Pese al creciente número de madrileños que
empezaron a guardar cama, las gentes de la Villa y Corte no se tomaron
demasiado en serio el virus gripal. La muerte de algún político de renombre fue
considerado un hecho coyuntural justificado por la edad. Pero, pronto las
gacetillas de prensa advertirán:
“En las oficinas del Estado y en entidades
oficiales y particulares sigue propagándose la dolencia que determina nuevas e innúmeras
bajas”.
A pesar de que hasta el mismo rey dio con sus
huesos en la cama, seguía sin tomarse en serio. Los optimistas de turno
llegaron a creer que esta gripe sería tan benévola como la padecida en 1890;
pero, las circunstancias que se daban en 1918 nada tenían que ver con aquellas.
La gripe de 1918 fue considerada como un efecto
derivado de la guerra: la fatiga de los combatientes, la debilidad de las
poblaciones subalimentadas y la miseria de los campos de prisioneros ofrecieron
a la plaga un terreno demasiado favorable.

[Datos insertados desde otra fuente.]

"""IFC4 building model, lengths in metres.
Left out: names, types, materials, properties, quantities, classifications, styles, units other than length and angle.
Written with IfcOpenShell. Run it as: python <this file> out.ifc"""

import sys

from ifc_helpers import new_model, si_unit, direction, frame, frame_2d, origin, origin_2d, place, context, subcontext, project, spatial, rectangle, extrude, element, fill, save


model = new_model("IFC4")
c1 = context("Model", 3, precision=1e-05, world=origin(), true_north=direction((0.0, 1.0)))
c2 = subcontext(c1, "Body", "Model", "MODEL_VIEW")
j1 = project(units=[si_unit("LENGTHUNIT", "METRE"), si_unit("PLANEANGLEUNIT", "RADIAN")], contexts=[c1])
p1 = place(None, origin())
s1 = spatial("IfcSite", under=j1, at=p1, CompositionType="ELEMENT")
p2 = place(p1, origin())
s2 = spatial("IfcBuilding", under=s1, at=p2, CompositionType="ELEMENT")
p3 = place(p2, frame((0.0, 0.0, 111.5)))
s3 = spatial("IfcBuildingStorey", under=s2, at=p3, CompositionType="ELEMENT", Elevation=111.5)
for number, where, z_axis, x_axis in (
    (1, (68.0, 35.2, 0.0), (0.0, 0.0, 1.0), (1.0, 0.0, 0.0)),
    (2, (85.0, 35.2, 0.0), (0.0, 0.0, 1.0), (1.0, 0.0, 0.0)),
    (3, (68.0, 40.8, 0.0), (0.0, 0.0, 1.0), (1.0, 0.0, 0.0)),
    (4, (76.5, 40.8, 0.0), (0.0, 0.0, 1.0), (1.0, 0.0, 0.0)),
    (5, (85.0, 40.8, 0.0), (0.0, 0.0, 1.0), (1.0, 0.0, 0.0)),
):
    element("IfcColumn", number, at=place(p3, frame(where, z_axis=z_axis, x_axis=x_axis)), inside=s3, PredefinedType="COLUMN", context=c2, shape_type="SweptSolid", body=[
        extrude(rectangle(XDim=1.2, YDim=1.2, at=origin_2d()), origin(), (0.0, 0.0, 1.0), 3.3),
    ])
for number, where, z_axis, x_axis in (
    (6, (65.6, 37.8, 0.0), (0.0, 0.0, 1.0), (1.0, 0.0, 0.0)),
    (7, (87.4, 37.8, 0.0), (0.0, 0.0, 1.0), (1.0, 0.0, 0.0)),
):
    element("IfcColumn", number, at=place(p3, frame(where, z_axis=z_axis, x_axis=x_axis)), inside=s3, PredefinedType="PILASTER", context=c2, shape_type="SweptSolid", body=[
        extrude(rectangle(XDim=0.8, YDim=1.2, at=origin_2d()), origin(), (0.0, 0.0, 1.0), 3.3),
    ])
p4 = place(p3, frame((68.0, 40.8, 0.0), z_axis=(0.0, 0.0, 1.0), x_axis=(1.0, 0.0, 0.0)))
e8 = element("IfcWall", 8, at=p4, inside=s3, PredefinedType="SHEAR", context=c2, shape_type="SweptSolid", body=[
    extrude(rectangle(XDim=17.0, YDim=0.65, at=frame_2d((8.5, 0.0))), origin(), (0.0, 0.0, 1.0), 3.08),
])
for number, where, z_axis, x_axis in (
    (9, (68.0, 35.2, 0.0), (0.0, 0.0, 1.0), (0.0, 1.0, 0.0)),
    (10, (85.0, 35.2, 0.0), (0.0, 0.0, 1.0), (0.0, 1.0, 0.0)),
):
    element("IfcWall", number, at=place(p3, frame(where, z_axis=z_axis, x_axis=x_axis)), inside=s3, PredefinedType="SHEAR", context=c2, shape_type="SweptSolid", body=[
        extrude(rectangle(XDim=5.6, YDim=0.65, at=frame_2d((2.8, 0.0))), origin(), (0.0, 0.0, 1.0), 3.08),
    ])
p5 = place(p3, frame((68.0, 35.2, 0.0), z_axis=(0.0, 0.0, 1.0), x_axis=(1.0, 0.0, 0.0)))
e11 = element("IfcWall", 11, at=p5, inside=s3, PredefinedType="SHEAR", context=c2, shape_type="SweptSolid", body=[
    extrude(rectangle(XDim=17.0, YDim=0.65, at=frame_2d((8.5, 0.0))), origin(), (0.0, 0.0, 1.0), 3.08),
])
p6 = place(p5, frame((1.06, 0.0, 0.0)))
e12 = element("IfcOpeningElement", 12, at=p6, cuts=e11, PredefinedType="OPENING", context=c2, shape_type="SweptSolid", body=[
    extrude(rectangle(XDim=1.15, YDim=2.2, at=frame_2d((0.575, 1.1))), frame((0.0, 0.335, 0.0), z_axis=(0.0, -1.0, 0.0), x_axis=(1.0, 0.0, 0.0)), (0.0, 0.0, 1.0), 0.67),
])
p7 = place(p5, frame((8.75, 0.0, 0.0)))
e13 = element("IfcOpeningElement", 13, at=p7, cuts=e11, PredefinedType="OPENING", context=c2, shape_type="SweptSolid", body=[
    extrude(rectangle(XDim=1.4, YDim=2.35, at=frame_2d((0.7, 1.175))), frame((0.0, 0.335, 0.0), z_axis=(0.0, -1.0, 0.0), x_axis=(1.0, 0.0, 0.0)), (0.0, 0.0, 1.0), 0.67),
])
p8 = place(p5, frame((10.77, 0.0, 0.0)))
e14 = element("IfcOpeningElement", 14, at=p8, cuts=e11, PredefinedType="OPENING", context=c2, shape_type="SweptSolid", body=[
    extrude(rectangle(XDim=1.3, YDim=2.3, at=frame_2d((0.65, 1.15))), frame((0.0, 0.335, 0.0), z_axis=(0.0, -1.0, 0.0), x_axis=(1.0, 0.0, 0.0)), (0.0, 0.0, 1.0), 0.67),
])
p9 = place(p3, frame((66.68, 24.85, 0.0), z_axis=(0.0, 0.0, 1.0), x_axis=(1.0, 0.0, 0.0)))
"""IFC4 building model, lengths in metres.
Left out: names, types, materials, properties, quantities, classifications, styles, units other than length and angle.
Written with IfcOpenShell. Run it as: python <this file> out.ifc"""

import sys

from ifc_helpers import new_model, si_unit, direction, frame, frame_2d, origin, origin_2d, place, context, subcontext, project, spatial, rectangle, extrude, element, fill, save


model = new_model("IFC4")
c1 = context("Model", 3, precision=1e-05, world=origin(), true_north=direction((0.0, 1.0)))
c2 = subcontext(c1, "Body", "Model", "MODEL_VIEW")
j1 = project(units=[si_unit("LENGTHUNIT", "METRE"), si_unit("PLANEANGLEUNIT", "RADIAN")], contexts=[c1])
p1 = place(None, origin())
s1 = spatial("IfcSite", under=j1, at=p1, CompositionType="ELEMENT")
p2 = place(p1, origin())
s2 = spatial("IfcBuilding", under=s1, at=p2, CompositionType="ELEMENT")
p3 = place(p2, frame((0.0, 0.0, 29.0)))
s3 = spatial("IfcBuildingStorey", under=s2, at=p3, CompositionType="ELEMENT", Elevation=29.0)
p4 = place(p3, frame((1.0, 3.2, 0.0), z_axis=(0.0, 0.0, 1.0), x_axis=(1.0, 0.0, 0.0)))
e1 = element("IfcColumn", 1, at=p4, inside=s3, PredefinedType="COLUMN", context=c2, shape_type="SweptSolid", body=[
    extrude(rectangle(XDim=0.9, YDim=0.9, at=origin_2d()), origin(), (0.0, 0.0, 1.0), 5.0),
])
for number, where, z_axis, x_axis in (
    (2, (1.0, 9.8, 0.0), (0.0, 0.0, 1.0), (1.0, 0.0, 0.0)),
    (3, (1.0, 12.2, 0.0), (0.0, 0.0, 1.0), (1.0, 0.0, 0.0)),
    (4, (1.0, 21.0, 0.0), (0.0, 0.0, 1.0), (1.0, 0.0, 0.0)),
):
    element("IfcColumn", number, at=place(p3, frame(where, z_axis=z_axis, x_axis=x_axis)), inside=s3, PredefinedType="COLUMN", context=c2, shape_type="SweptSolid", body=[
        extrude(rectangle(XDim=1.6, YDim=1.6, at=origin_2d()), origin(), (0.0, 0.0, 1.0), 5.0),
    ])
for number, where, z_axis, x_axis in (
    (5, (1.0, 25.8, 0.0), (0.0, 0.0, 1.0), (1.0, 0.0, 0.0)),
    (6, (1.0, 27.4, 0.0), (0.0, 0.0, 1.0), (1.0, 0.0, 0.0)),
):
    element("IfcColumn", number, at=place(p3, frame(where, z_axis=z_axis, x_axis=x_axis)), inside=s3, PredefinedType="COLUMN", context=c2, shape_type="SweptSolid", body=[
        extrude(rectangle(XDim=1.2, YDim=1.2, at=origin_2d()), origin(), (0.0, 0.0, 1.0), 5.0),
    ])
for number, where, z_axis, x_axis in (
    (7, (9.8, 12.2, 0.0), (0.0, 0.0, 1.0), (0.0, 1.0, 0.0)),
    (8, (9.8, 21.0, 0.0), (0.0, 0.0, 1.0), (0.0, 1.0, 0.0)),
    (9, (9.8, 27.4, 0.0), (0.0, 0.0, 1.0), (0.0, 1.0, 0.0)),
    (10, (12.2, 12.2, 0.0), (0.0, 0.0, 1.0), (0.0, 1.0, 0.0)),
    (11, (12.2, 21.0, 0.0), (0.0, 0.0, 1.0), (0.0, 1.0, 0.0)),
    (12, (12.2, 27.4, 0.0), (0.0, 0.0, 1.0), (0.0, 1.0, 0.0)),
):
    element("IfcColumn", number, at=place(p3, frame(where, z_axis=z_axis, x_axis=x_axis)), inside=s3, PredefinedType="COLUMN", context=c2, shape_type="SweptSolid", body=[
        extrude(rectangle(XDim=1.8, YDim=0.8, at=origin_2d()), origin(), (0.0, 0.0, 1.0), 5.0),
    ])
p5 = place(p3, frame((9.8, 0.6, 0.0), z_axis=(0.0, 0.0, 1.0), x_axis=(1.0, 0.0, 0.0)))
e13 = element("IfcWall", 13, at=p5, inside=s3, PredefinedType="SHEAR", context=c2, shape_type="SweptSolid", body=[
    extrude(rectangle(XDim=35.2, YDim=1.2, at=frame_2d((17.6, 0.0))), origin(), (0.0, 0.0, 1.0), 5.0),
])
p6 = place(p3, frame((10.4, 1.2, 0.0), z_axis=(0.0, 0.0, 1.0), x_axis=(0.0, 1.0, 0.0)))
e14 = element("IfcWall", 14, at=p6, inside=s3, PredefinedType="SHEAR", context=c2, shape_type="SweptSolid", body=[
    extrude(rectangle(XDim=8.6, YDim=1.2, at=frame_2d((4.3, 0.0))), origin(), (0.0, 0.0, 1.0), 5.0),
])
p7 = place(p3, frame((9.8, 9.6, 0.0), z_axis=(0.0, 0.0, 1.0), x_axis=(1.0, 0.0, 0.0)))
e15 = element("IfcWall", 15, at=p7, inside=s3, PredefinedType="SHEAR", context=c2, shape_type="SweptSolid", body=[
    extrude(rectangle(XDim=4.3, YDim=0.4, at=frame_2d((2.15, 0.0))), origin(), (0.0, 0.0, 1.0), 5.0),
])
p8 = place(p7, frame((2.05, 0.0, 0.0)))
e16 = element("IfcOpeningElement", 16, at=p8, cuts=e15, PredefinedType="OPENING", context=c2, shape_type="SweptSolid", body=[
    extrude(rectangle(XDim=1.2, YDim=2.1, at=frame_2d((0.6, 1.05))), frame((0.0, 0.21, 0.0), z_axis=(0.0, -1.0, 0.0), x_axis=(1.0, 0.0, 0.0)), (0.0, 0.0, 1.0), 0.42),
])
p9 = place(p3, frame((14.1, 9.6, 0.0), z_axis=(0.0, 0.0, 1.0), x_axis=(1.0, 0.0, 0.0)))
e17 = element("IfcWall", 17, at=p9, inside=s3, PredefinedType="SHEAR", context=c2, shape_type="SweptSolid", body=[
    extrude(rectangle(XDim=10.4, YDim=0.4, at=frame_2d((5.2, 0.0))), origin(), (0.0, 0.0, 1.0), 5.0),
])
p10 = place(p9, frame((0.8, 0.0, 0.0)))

La movilidad de personas por todo el orbe aportó su
granito de arena. En los puertos de Europa Occidental había un extraordinario
abigarramiento de gentes de todas partes de mundo portadores de cepas gripales diferentes,
que probablemente permitió el desarrollo de un virus híbrido extraordinariamente
virulento.
La alarma se insinúa a partir del 26 de mayo, en el
momento en el que se aprecia una elevación de la mortalidad habitual. Una
mortalidad que llegó en la capital del reino a más de cien personas diarias. A
escala mundial la morbilidad afectó entre el 50 o el 80 por ciento de la
población; y la mortalidad llegó a cifras relativas del 3 por ciento alcanzando
un número que superó los veintiún millones de almas.
Teatros y lugares públicos comenzaron a cerrar sus
puertas. Comenzaron a desbordarse las pasiones, y los rumores más infundados
comenzaron a tomar carta de naturaleza, Las gentes comenzaron a mirarse con
desconfianza por miedo al contagio. El agua, el café, el trabajo en locales cerrados,
los sermones de las iglesias, y los viajeros de allende nuestras fronteras, eran
tratados con recelo.
La situación sanitaria en España, a decir de
algunos, “sólo se encontraba en papel de oficio; pero, la organización activa
de laboratorios y personal idóneo, que es la base de la profilaxia biológica esa
no existe en España.
Los centros de enseñanza se cerraron, y la apertura
del curso se retrasó.
No ayudó tampoco mucho, el desplazamiento de los
veraneantes, que, del norte de España, trajeron la enfermedad a la capital.
En los inicios de 1919 la epidemia se ha extendido
por todo el mundo, inclusos Australia. Todas las medidas profilácticas se demuestran
ineficientes.
Un año después de iniciada la epidemia, en España
se estimaron que un total de ocho millones de ciudadanos fueron los afectados,
y las muertes originadas superaron con creces las doscientas mil.
Una vez más España tuvo que arrastrar el san
Benito de algo que no fue en absoluto su responsabilidad; si es que
responsabilidad se puede pedir en el desarrollo de una epidemia tan sumamente
letal como la denominada “Gripe Española”.